What health care models are showing the most promise today, and what can we learn from these disruptors?

Jeff Wells: Patient-centered models of care show the most promise. The only way we change the perception of health care in this country is if we change how we deliver care. Care must be relationship-based. For Marathon, we focus on the Quadruple Aim: empowering world-class providers, creating amazing patient experiences, improving health outcomes, and lowering health care costs. We give providers the tools they need to succeed, such as better data, programs to manage chronic conditions, and visibility into the patient’s full medical journey. We build a long-term relationship with the patients, and act as their “home base” for all of their health care needs, whether it be preventive care, needing a surgery, understanding a bill, or finding the right benefits program.

Christopher Habig: Membership-based health care. Direct primary care or concierge business models show that everyone wants simplicity. Easy to understand monthly prices, no copays or barriers. It is an old-school way of practicing medicine that frees up our doctors and actually respects our patients.

What can be done relatively quickly to improve our health care system? And what are some longer-term fixes?

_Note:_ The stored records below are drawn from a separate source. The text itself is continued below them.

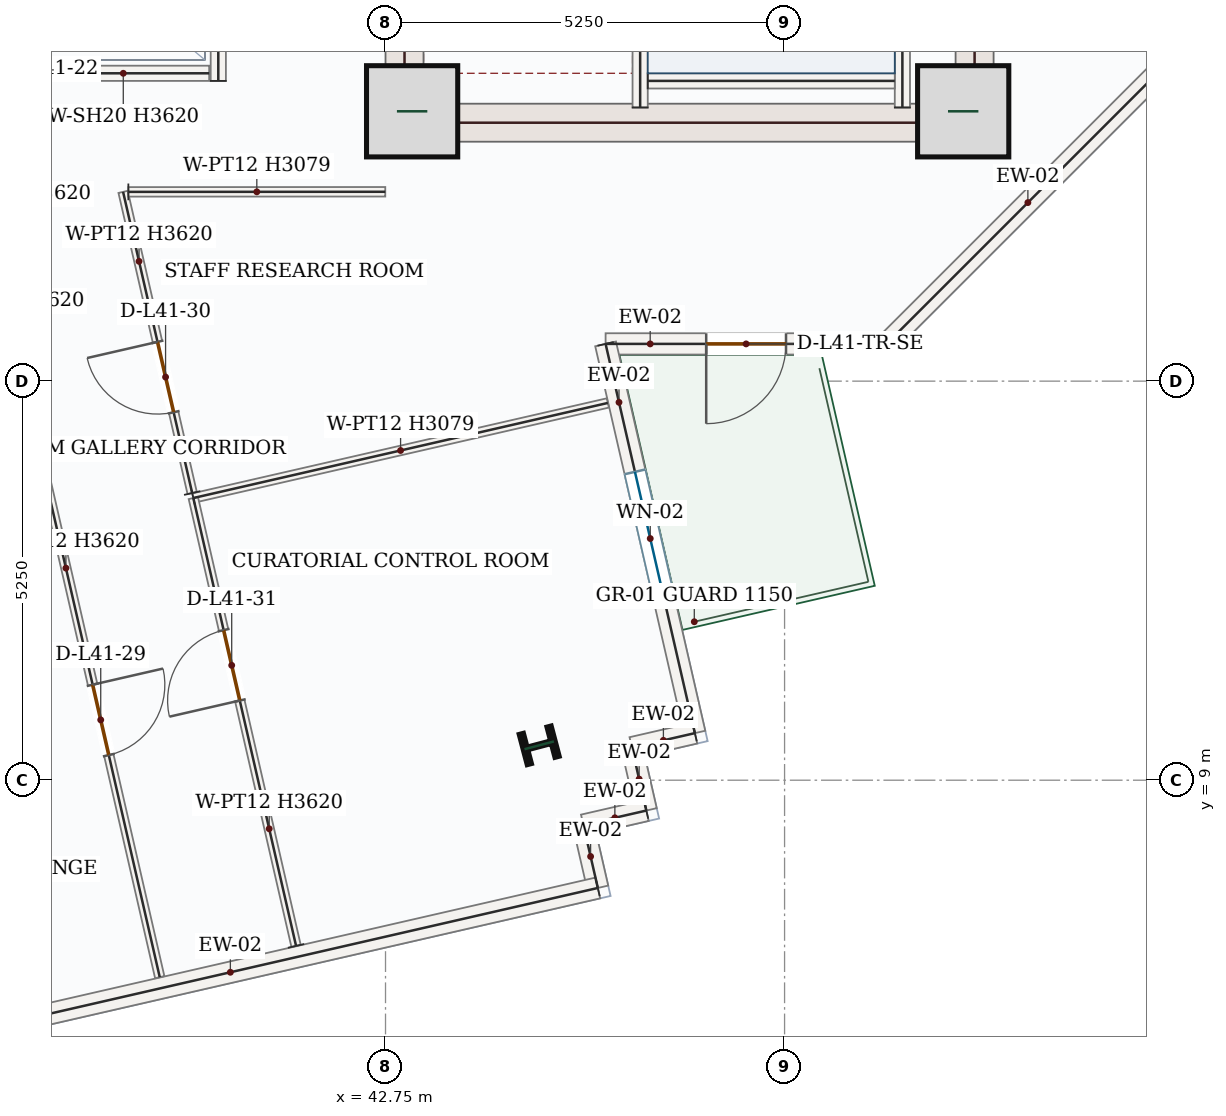
"""IFC4 building model, lengths in metres.
Left out: names, types, materials, properties, quantities, classifications, styles, units other than length and angle.
Written with IfcOpenShell. Run it as: python <this file> out.ifc"""

import sys

from ifc_helpers import new_model, si_unit, direction, frame, frame_2d, origin, origin_2d, place, context, subcontext, project, spatial, rectangle, i_section, extrude, source, transform, mapped, element, fill, save


model = new_model("IFC4")
c1 = context("Model", 3, precision=1e-05, world=origin(), true_north=direction((0.0, 1.0)))
c2 = subcontext(c1, "Body", "Model", "MODEL_VIEW")
j1 = project(units=[si_unit("LENGTHUNIT", "METRE"), si_unit("PLANEANGLEUNIT", "RADIAN")], contexts=[c1])
p1 = place(None, origin())
s1 = spatial("IfcSite", under=j1, at=p1, CompositionType="ELEMENT")
p2 = place(p1, origin())
s2 = spatial("IfcBuilding", under=s1, at=p2, CompositionType="ELEMENT")
p3 = place(p2, frame((0.0, 0.0, 178.5)))
s3 = spatial("IfcBuildingStorey", under=s2, at=p3, CompositionType="ELEMENT", Elevation=178.5)
p4 = place(p3, frame((43.0, 17.4, 0.0), z_axis=(0.0, 0.0, 1.0), x_axis=(0.0, 1.0, 0.0)))
e1 = element("IfcWall", 1, at=p4, inside=s3, PredefinedType="SHEAR", context=c2, shape_type="SweptSolid", body=[
    extrude(rectangle(XDim=8.55, YDim=0.5, at=frame_2d((4.275, 0.0))), origin(), (0.0, 0.0, 1.0), 3.62),
])
p5 = place(p4, frame((6.65, 0.0, 0.0)))
e2 = element("IfcOpeningElement", 2, at=p5, cuts=e1, PredefinedType="OPENING", context=c2, shape_type="SweptSolid", body=[
    extrude(rectangle(XDim=1.1, YDim=2.2, at=frame_2d((0.55, 1.1))), frame((0.0, 0.26, 0.0), z_axis=(0.0, -1.0, 0.0), x_axis=(1.0, 0.0, 0.0)), (0.0, 0.0, 1.0), 0.52),
])
p6 = place(p4, frame((1.75, 0.0, 0.0)))
e3 = element("IfcOpeningElement", 3, at=p6, cuts=e1, PredefinedType="OPENING", context=c2, shape_type="SweptSolid", body=[
    extrude(rectangle(XDim=1.3, YDim=2.2, at=frame_2d((0.65, 1.1))), frame((0.0, 0.26, 0.0), z_axis=(0.0, -1.0, 0.0), x_axis=(1.0, 0.0, 0.0)), (0.0, 0.0, 1.0), 0.52),
])
p7 = place(p4, frame((4.3, 0.0, 0.0)))
e4 = element("IfcOpeningElement", 4, at=p7, cuts=e1, PredefinedType="OPENING", context=c2, shape_type="SweptSolid", body=[
    extrude(rectangle(XDim=0.88, YDim=2.1, at=frame_2d((0.44, 1.05))), frame((0.0, 0.26, 0.0), z_axis=(0.0, -1.0, 0.0), x_axis=(1.0, 0.0, 0.0)), (0.0, 0.0, 1.0), 0.52),
])
m1 = source(origin(), c2, "Body", "SweptSolid", [
    extrude(rectangle(XDim=8.55, YDim=0.5, at=frame_2d((4.275, 0.0))), origin(), (0.0, 0.0, 1.0), 3.62),
])
p8 = place(p3, frame((50.5, 17.4, 0.0), z_axis=(0.0, 0.0, 1.0), x_axis=(0.0, 1.0, 0.0)))
e5 = element("IfcWall", 5, at=p8, inside=s3, PredefinedType="SHEAR", context=c2, shape_type="MappedRepresentation", body=[
    mapped(m1, transform((0.0, 0.0, 0.0), x_axis=(1.0, 0.0, 0.0), y_axis=(0.0, 1.0, 0.0), z_axis=(0.0, 0.0, 1.0), scale=1.0)),
])
m2 = source(origin(), c2, "Body", "SweptSolid", [
    extrude(rectangle(XDim=7.0, YDim=0.5, at=frame_2d((3.5, 0.0))), origin(), (0.0, 0.0, 1.0), 3.62),
])
p9 = place(p3, frame((43.25, 17.65, 0.0), z_axis=(0.0, 0.0, 1.0), x_axis=(1.0, 0.0, 0.0)))
e6 = element("IfcWall", 6, at=p9, inside=s3, PredefinedType="SHEAR", context=c2, shape_type="MappedRepresentation", body=[
    mapped(m2, transform((0.0, 0.0, 0.0), x_axis=(1.0, 0.0, 0.0), y_axis=(0.0, 1.0, 0.0), z_axis=(0.0, 0.0, 1.0), scale=1.0)),
])
m3 = source(origin(), c2, "Body", "SweptSolid", [
    extrude(rectangle(XDim=1.2, YDim=1.2, at=origin_2d()), origin(), (0.0, 0.0, 1.0), 3.9),
])
for number, where, z_axis, x_axis in (
    (7, (43.1, 17.8, 0.0), (0.0, 0.0, 1.0), (1.0, 0.0, 0.0)),
    (8, (50.35, 17.8, 0.0), (0.0, 0.0, 1.0), (1.0, 0.0, 0.0)),
):
    element("IfcColumn", number, at=place(p3, frame(where, z_axis=z_axis, x_axis=x_axis)), inside=s3, PredefinedType="COLUMN", context=c2, shape_type="MappedRepresentation", body=[
        mapped(m3, transform((0.0, 0.0, 0.0), x_axis=(1.0, 0.0, 0.0), y_axis=(0.0, 1.0, 0.0), z_axis=(0.0, 0.0, 1.0), scale=1.0)),
    ])
m4 = source(origin(), c2, "Body", "SweptSolid", [
    extrude(i_section(OverallWidth=0.412, OverallDepth=0.435, WebThickness=0.036, FlangeThickness=0.057, FilletRadius=0.018, at=origin_2d()), origin(), (0.0, 0.0, 1.0), 3.9),
])
p10 = place(p3, frame((44.772, 9.459, 0.0), z_axis=(0.0, 0.0, 1.0), x_axis=(-0.255445757936, 0.966823388604, 0.0)))
e9 = element("IfcColumn", 9, at=p10, inside=s3, PredefinedType="COLUMN", context=c2, shape_type="MappedRepresentation", body=[
    mapped(m4, transform((0.0, 0.0, 0.0), x_axis=(1.0, 0.0, 0.0), y_axis=(0.0, 1.0, 0.0), z_axis=(0.0, 0.0, 1.0), scale=1.0)),
])
m5 = source(origin(), c2, "Body", "SweptSolid", [
    extrude(rectangle(XDim=5.258, YDim=0.28, at=frame_2d((2.629, 0.0))), origin(), (0.0, 0.0, 1.0), 3.62),
])
p11 = place(p3, frame((53.06, 18.458, 0.0), z_axis=(0.0, 0.0, 1.0), x_axis=(-0.707106781187, -0.707106781187, 0.0)))
e10 = element("IfcWall", 10, at=p11, inside=s3, PredefinedType="SOLIDWALL", context=c2, shape_type="MappedRepresentation", body=[
    mapped(m5, transform((0.0, 0.0, 0.0), x_axis=(1.0, 0.0, 0.0), y_axis=(0.0, 1.0, 0.0), z_axis=(0.0, 0.0, 1.0), scale=1.0)),
])
p12 = place(p3, frame((49.342, 14.74, 0.0), z_axis=(0.0, 0.0, 1.0), x_axis=(-1.0, 0.0, 0.0)))
e11 = element("IfcWall", 11, at=p12, inside=s3, PredefinedType="SOLIDWALL", context=c2, shape_type="SweptSolid", body=[
    extrude(rectangle(XDim=3.697, YDim=0.28, at=frame_2d((1.848, 0.0))), origin(), (0.0, 0.0, 1.0), 3.62),
])
p13 = place(p12, frame((1.323, 0.0, 0.0)))
e12 = element("IfcOpeningElement", 12, at=p13, cuts=e11, PredefinedType="OPENING", context=c2, shape_type="SweptSolid", body=[
    extrude(rectangle(XDim=1.05, YDim=2.15, at=frame_2d((0.525, 1.075))), frame((0.0, 0.15, 0.0), z_axis=(0.0, -1.0, 0.0), x_axis=(1.0, 0.0, 0.0)), (0.0, 0.0, 1.0), 0.3),
])
p14 = place(p3, frame((45.646, 14.74, 0.0), z_axis=(0.0, 0.0, 1.0), x_axis=(0.223562871808, -0.974689510741, 0.0)))
e13 = element("IfcWall", 13, at=p14, inside=s3, PredefinedType="SOLIDWALL", context=c2, shape_type="SweptSolid", body=[
    extrude(rectangle(XDim=5.254, YDim=0.28, at=frame_2d((2.627, 0.0))), origin(), (0.0, 0.0, 1.0), 3.62),
])
p15 = place(p14, frame((1.727, 0.0, 0.85)))
e14 = element("IfcOpeningElement", 14, at=p15, cuts=e13, PredefinedType="OPENING", context=c2, shape_type="SweptSolid", body=[
    extrude(rectangle(XDim=1.8, YDim=1.75, at=frame_2d((0.9, 0.875))), frame((0.0, 0.15, 0.0), z_axis=(0.0, -1.0, 0.0), x_axis=(1.0, 0.0, 0.0)), (0.0, 0.0, 1.0), 0.3),
])
m6 = source(origin(), c2, "Body", "SweptSolid", [
    extrude(rectangle(XDim=0.85, YDim=0.28, at=frame_2d((0.425, 0.0))), origin(), (0.0, 0.0, 1.0), 3.62),
])
p16 = place(p3, frame((46.82, 9.619, 0.0), z_axis=(0.0, 0.0, 1.0), x_axis=(-0.974704946586, -0.223495563939, 0.0)))
e15 = element("IfcWall", 15, at=p16, inside=s3, PredefinedType="SOLIDWALL", context=c2, shape_type="MappedRepresentation", body=[
    mapped(m6, transform((0.0, 0.0, 0.0), x_axis=(1.0, 0.0, 0.0), y_axis=(0.0, 1.0, 0.0), z_axis=(0.0, 0.0, 1.0), scale=1.0)),
])
m7 = source(origin(), c2, "Body", "SweptSolid", [
    extrude(rectangle(XDim=0.85, YDim=0.28, at=frame_2d((0.425, 0.0))), origin(), (0.0, 0.0, 1.0), 3.62),
])
for number, where, z_axis, x_axis in (
    (16, (45.992, 9.429, 0.0), (0.0, 0.0, 1.0), (0.223, -0.975, 0.0)),
    (17, (46.182, 8.601, 0.0), (0.0, 0.0, 1.0), (-0.975, -0.223, 0.0)),
):
    element("IfcWall", number, at=place(p3, frame(where, z_axis=z_axis, x_axis=x_axis)), inside=s3, PredefinedType="SOLIDWALL", context=c2, shape_type="MappedRepresentation", body=[
        mapped(m7, transform((0.0, 0.0, 0.0), x_axis=(1.0, 0.0, 0.0), y_axis=(0.0, 1.0, 0.0), z_axis=(0.0, 0.0, 1.0), scale=1.0)),
    ])
p17 = place(p3, frame((45.353, 8.411, 0.0), z_axis=(0.0, 0.0, 1.0), x_axis=(0.223768457828, -0.974642333003, 0.0)))
e18 = element("IfcWall", 18, at=p17, inside=s3, PredefinedType="SOLIDWALL", context=c2, shape_type="MappedRepresentation", body=[
    mapped(m6, transform((0.0, 0.0, 0.0), x_axis=(1.0, 0.0, 0.0), y_axis=(0.0, 1.0, 0.0), z_axis=(0.0, 0.0, 1.0), scale=1.0)),
])
m8 = source(origin(), c2, "Body", "SweptSolid", [
    extrude(rectangle(XDim=9.92, YDim=0.28, at=frame_2d((4.96, 0.0))), origin(), (0.0, 0.0, 1.0), 3.62),
])
p18 = place(p3, frame((45.543, 7.582, 0.0), z_axis=(0.0, 0.0, 1.0), x_axis=(-0.974682391567, -0.223593907719, 0.0)))
e19 = element("IfcWall", 19, at=p18, inside=s3, PredefinedType="SOLIDWALL", context=c2, shape_type="MappedRepresentation", body=[
    mapped(m8, transform((0.0, 0.0, 0.0), x_axis=(1.0, 0.0, 0.0), y_axis=(0.0, 1.0, 0.0), z_axis=(0.0, 0.0, 1.0), scale=1.0)),
])
m9 = source(origin(), c2, "Body", "SweptSolid", [
    extrude(rectangle(XDim=7.87, YDim=0.2, at=frame_2d((3.935, 0.0))), origin(), (0.0, 0.0, 1.0), 3.62),
])
p19 = place(p3, frame((49.55, 17.85, 0.0), z_axis=(0.0, 0.0, 1.0), x_axis=(0.0, 1.0, 0.0)))
e20 = element("IfcWall", 20, at=p19, inside=s3, PredefinedType="SOLIDWALL", context=c2, shape_type="MappedRepresentation", body=[
    mapped(m9, transform((0.0, 0.0, 0.0), x_axis=(1.0, 0.0, 0.0), y_axis=(0.0, 1.0, 0.0), z_axis=(0.0, 0.0, 1.0), scale=1.0)),
])
p20 = place(p3, frame((46.1, 17.85, 0.0), z_axis=(0.0, 0.0, 1.0), x_axis=(0.0, 1.0, 0.0)))
e21 = element("IfcWall", 21, at=p20, inside=s3, PredefinedType="SOLIDWALL", context=c2, shape_type="SweptSolid", body=[
    extrude(rectangle(XDim=8.0, YDim=0.2, at=frame_2d((4.0, 0.0))), origin(), (0.0, 0.0, 1.0), 3.62),
])
p21 = place(p20, frame((6.3, 0.0, 0.0)))
e22 = element("IfcOpeningElement", 22, at=p21, cuts=e21, PredefinedType="OPENING", context=c2, shape_type="SweptSolid", body=[
    extrude(rectangle(XDim=1.05, YDim=2.15, at=frame_2d((0.525, 1.075))), frame((0.0, 0.11, 0.0), z_axis=(0.0, -1.0, 0.0), x_axis=(1.0, 0.0, 0.0)), (0.0, 0.0, 1.0), 0.22),
])
m10 = source(origin(), c2, "Body", "SweptSolid", [
    extrude(rectangle(XDim=3.25, YDim=0.2, at=frame_2d((1.625, 0.0))), origin(), (0.0, 0.0, 1.0), 3.62),
])
p22 = place(p3, frame((46.2, 18.2, 0.0), z_axis=(0.0, 0.0, 1.0), x_axis=(1.0, 0.0, 0.0)))
e23 = element("IfcWall", 23, at=p22, inside=s3, PredefinedType="SOLIDWALL", context=c2, shape_type="MappedRepresentation", body=[
    mapped(m10, transform((0.0, 0.0, 0.0), x_axis=(1.0, 0.0, 0.0), y_axis=(0.0, 1.0, 0.0), z_axis=(0.0, 0.0, 1.0), scale=1.0)),
])
p23 = place(p3, frame((40.55, 18.2, 0.0), z_axis=(0.0, 0.0, 1.0), x_axis=(0.0, 1.0, 0.0)))
e24 = element("IfcWall", 24, at=p23, inside=s3, PredefinedType="SOLIDWALL", context=c2, shape_type="SweptSolid", body=[
    extrude(rectangle(XDim=2.35, YDim=0.2, at=frame_2d((1.175, 0.0))), origin(), (0.0, 0.0, 1.0), 3.62),
])
p24 = place(p23, frame((0.625, 0.0, 0.0)))
e25 = element("IfcOpeningElement", 25, at=p24, cuts=e24, PredefinedType="OPENING", context=c2, shape_type="SweptSolid", body=[
    extrude(rectangle(XDim=1.1, YDim=2.15, at=frame_2d((0.55, 1.075))), frame((0.0, 0.11, 0.0), z_axis=(0.0, -1.0, 0.0), x_axis=(1.0, 0.0, 0.0)), (0.0, 0.0, 1.0), 0.22),
])
m11 = source(origin(), c2, "Body", "SweptSolid", [
    extrude(rectangle(XDim=2.26, YDim=0.2, at=frame_2d((1.13, 0.0))), origin(), (0.0, 0.0, 1.0), 3.62),
])
p25 = place(p3, frame((38.17, 18.3, 0.0), z_axis=(0.0, 0.0, 1.0), x_axis=(1.0, 0.0, 0.0)))
e26 = element("IfcWall", 26, at=p25, inside=s3, PredefinedType="SOLIDWALL", context=c2, shape_type="MappedRepresentation", body=[
    mapped(m11, transform((0.0, 0.0, 0.0), x_axis=(1.0, 0.0, 0.0), y_axis=(0.0, 1.0, 0.0), z_axis=(0.0, 0.0, 1.0), scale=1.0)),
])
m12 = source(origin(), c2, "Body", "SweptSolid", [
    extrude(rectangle(XDim=5.595, YDim=0.125, at=frame_2d((2.797, 0.0))), origin(), (0.0, 0.0, 1.0), 3.079),
])
p26 = place(p3, frame((40.221, 12.712, 0.0), z_axis=(0.0, 0.0, 1.0), x_axis=(0.974683801791, 0.223587760235, 0.0)))
e27 = element("IfcWall", 27, at=p26, inside=s3, PredefinedType="PARTITIONING", context=c2, shape_type="MappedRepresentation", body=[
    mapped(m12, transform((0.0, 0.0, 0.0), x_axis=(1.0, 0.0, 0.0), y_axis=(0.0, 1.0, 0.0), z_axis=(0.0, 0.0, 1.0), scale=1.0)),
])
p27 = place(p3, frame((41.573, 6.82, 0.0), z_axis=(0.0, 0.0, 1.0), x_axis=(-0.223588000718, 0.974683746625, 0.0)))
e28 = element("IfcWall", 28, at=p27, inside=s3, PredefinedType="PARTITIONING", context=c2, shape_type="SweptSolid", body=[
    extrude(rectangle(XDim=6.045, YDim=0.125, at=frame_2d((3.022, 0.0))), origin(), (0.0, 0.0, 1.0), 3.62),
])
p28 = place(p27, frame((3.312, 0.0, 0.0)))
e29 = element("IfcOpeningElement", 29, at=p28, cuts=e28, PredefinedType="OPENING", context=c2, shape_type="SweptSolid", body=[
    extrude(rectangle(XDim=0.95, YDim=2.15, at=frame_2d((0.475, 1.075))), frame((0.0, 0.073, 0.0), z_axis=(0.0, -1.0, 0.0), x_axis=(1.0, 0.0, 0.0)), (0.0, 0.0, 1.0), 0.145),
])
p29 = place(p3, frame((40.206, 12.778, 0.0), z_axis=(0.0, 0.0, 1.0), x_axis=(-0.223552104445, 0.97469198037, 0.0)))
e30 = element("IfcWall", 30, at=p29, inside=s3, PredefinedType="PARTITIONING", context=c2, shape_type="SweptSolid", body=[
    extrude(rectangle(XDim=4.065, YDim=0.125, at=frame_2d((2.032, 0.0))), origin(), (0.0, 0.0, 1.0), 3.62),
])
p30 = place(p29, frame((1.09, 0.0, 0.0)))
e31 = element("IfcOpeningElement", 31, at=p30, cuts=e30, PredefinedType="OPENING", context=c2, shape_type="SweptSolid", body=[
    extrude(rectangle(XDim=0.95, YDim=2.15, at=frame_2d((0.475, 1.075))), frame((0.0, 0.073, 0.0), z_axis=(0.0, -1.0, 0.0), x_axis=(1.0, 0.0, 0.0)), (0.0, 0.0, 1.0), 0.145),
])
m13 = source(origin(), c2, "Body", "SweptSolid", [
    extrude(rectangle(XDim=3.38, YDim=0.125, at=frame_2d((1.69, 0.0))), origin(), (0.0, 0.0, 1.0), 3.079),
])
p31 = place(p3, frame((39.367, 16.74, 0.0), z_axis=(0.0, 0.0, 1.0), x_axis=(0.999999934779, 0.000361167269, 0.0)))
e32 = element("IfcWall", 32, at=p31, inside=s3, PredefinedType="PARTITIONING", context=c2, shape_type="MappedRepresentation", body=[
    mapped(m13, transform((0.0, 0.0, 0.0), x_axis=(1.0, 0.0, 0.0), y_axis=(0.0, 1.0, 0.0), z_axis=(0.0, 0.0, 1.0), scale=1.0)),
])
p32 = place(p3, frame((38.227, 13.178, 0.0), z_axis=(0.0, 0.0, 1.0), x_axis=(0.223573066544, -0.974687172336, 0.0)))
e33 = element("IfcWall", 33, at=p32, inside=s3, PredefinedType="PARTITIONING", context=c2, shape_type="SweptSolid", body=[
    extrude(rectangle(XDim=6.945, YDim=0.125, at=frame_2d((3.473, 0.0))), origin(), (0.0, 0.0, 1.0), 3.62),
])
p33 = place(p32, frame((2.998, 0.0, 0.0)))
e34 = element("IfcOpeningElement", 34, at=p33, cuts=e33, PredefinedType="OPENING", context=c2, shape_type="SweptSolid", body=[
    extrude(rectangle(XDim=0.95, YDim=2.15, at=frame_2d((0.475, 1.075))), frame((0.0, 0.073, 0.0), z_axis=(0.0, -1.0, 0.0), x_axis=(1.0, 0.0, 0.0)), (0.0, 0.0, 1.0), 0.145),
])
m14 = source(origin(), c2, "Body", "SweptSolid", [
    extrude(rectangle(XDim=1.05, YDim=2.15, at=frame_2d((0.525, 1.075))), frame((0.0, 0.025, 0.0), z_axis=(0.0, -1.0, 0.0), x_axis=(1.0, 0.0, 0.0)), (0.0, 0.0, 1.0), 0.05),
])
p34 = place(p13, origin())
e35 = element("IfcDoor", 35, at=p34, inside=s3, OperationType="SINGLE_SWING_RIGHT", PredefinedType="DOOR", context=c2, shape_type="MappedRepresentation", body=[
    mapped(m14, transform((0.0, 0.0, 0.0), x_axis=(1.0, 0.0, 0.0), y_axis=(0.0, 1.0, 0.0), z_axis=(0.0, 0.0, 1.0), scale=1.0)),
])
fill(e12, e35)
m15 = source(origin(), c2, "Body", "SweptSolid", [
    extrude(rectangle(XDim=1.8, YDim=1.75, at=frame_2d((0.9, 0.875))), frame((0.0, 0.03, 0.0), z_axis=(0.0, -1.0, 0.0), x_axis=(1.0, 0.0, 0.0)), (0.0, 0.0, 1.0), 0.06),
])
p35 = place(p15, origin())
e36 = element("IfcWindow", 36, at=p35, inside=s3, PartitioningType="DOUBLE_PANEL_VERTICAL", PredefinedType="WINDOW", context=c2, shape_type="MappedRepresentation", body=[
    mapped(m15, transform((0.0, 0.0, 0.0), x_axis=(1.0, 0.0, 0.0), y_axis=(0.0, 1.0, 0.0), z_axis=(0.0, 0.0, 1.0), scale=1.0)),
])
fill(e14, e36)
m16 = source(origin(), c2, "Body", "SweptSolid", [
    extrude(rectangle(XDim=0.95, YDim=2.15, at=frame_2d((0.475, 1.075))), frame((0.0, 0.025, 0.0), z_axis=(0.0, -1.0, 0.0), x_axis=(1.0, 0.0, 0.0)), (0.0, 0.0, 1.0), 0.05),
])
p36 = place(p33, origin())
e37 = element("IfcDoor", 37, at=p36, inside=s3, OperationType="SINGLE_SWING_LEFT", PredefinedType="DOOR", context=c2, shape_type="MappedRepresentation", body=[
    mapped(m16, transform((0.0, 0.0, 0.0), x_axis=(1.0, 0.0, 0.0), y_axis=(0.0, 1.0, 0.0), z_axis=(0.0, 0.0, 1.0), scale=1.0)),
])
fill(e34, e37)
p37 = place(p30, origin())
e38 = element("IfcDoor", 38, at=p37, inside=s3, OperationType="SINGLE_SWING_RIGHT", PredefinedType="DOOR", context=c2, shape_type="MappedRepresentation", body=[
    mapped(m16, transform((0.0, 0.0, 0.0), x_axis=(1.0, 0.0, 0.0), y_axis=(0.0, 1.0, 0.0), z_axis=(0.0, 0.0, 1.0), scale=1.0)),
])
fill(e31, e38)
p38 = place(p28, origin())
e39 = element("IfcDoor", 39, at=p38, inside=s3, OperationType="SINGLE_SWING_LEFT", PredefinedType="DOOR", context=c2, shape_type="MappedRepresentation", body=[
    mapped(m16, transform((0.0, 0.0, 0.0), x_axis=(1.0, 0.0, 0.0), y_axis=(0.0, 1.0, 0.0), z_axis=(0.0, 0.0, 1.0), scale=1.0)),
])
fill(e29, e39)
save(model, sys.argv[1])

Christopher Habig: At the state level, abolish non-compete agreements for physicians. This would allow patients to maintain the continuity of care from a trusted physician regardless of where that doctor worked. Enforce price transparency laws. Longer term, get hospitals out of the primary care business. At the federal level, de-couple commercial insurance from employment, make premiums tax-deductible for individuals. Increase funding for physician residency programs.

Jeff Wells: A quick fix is to over-invest in primary care. Studies have proven in a variety of ways that when individuals utilize high quality, independent primary care they live healthier lives and cost the health care system less money. Longer term, we need to demand more from our health plans and hospital systems to hold them accountable for bending the cost curve, not simply providing more and more unnecessary care at increasing costs.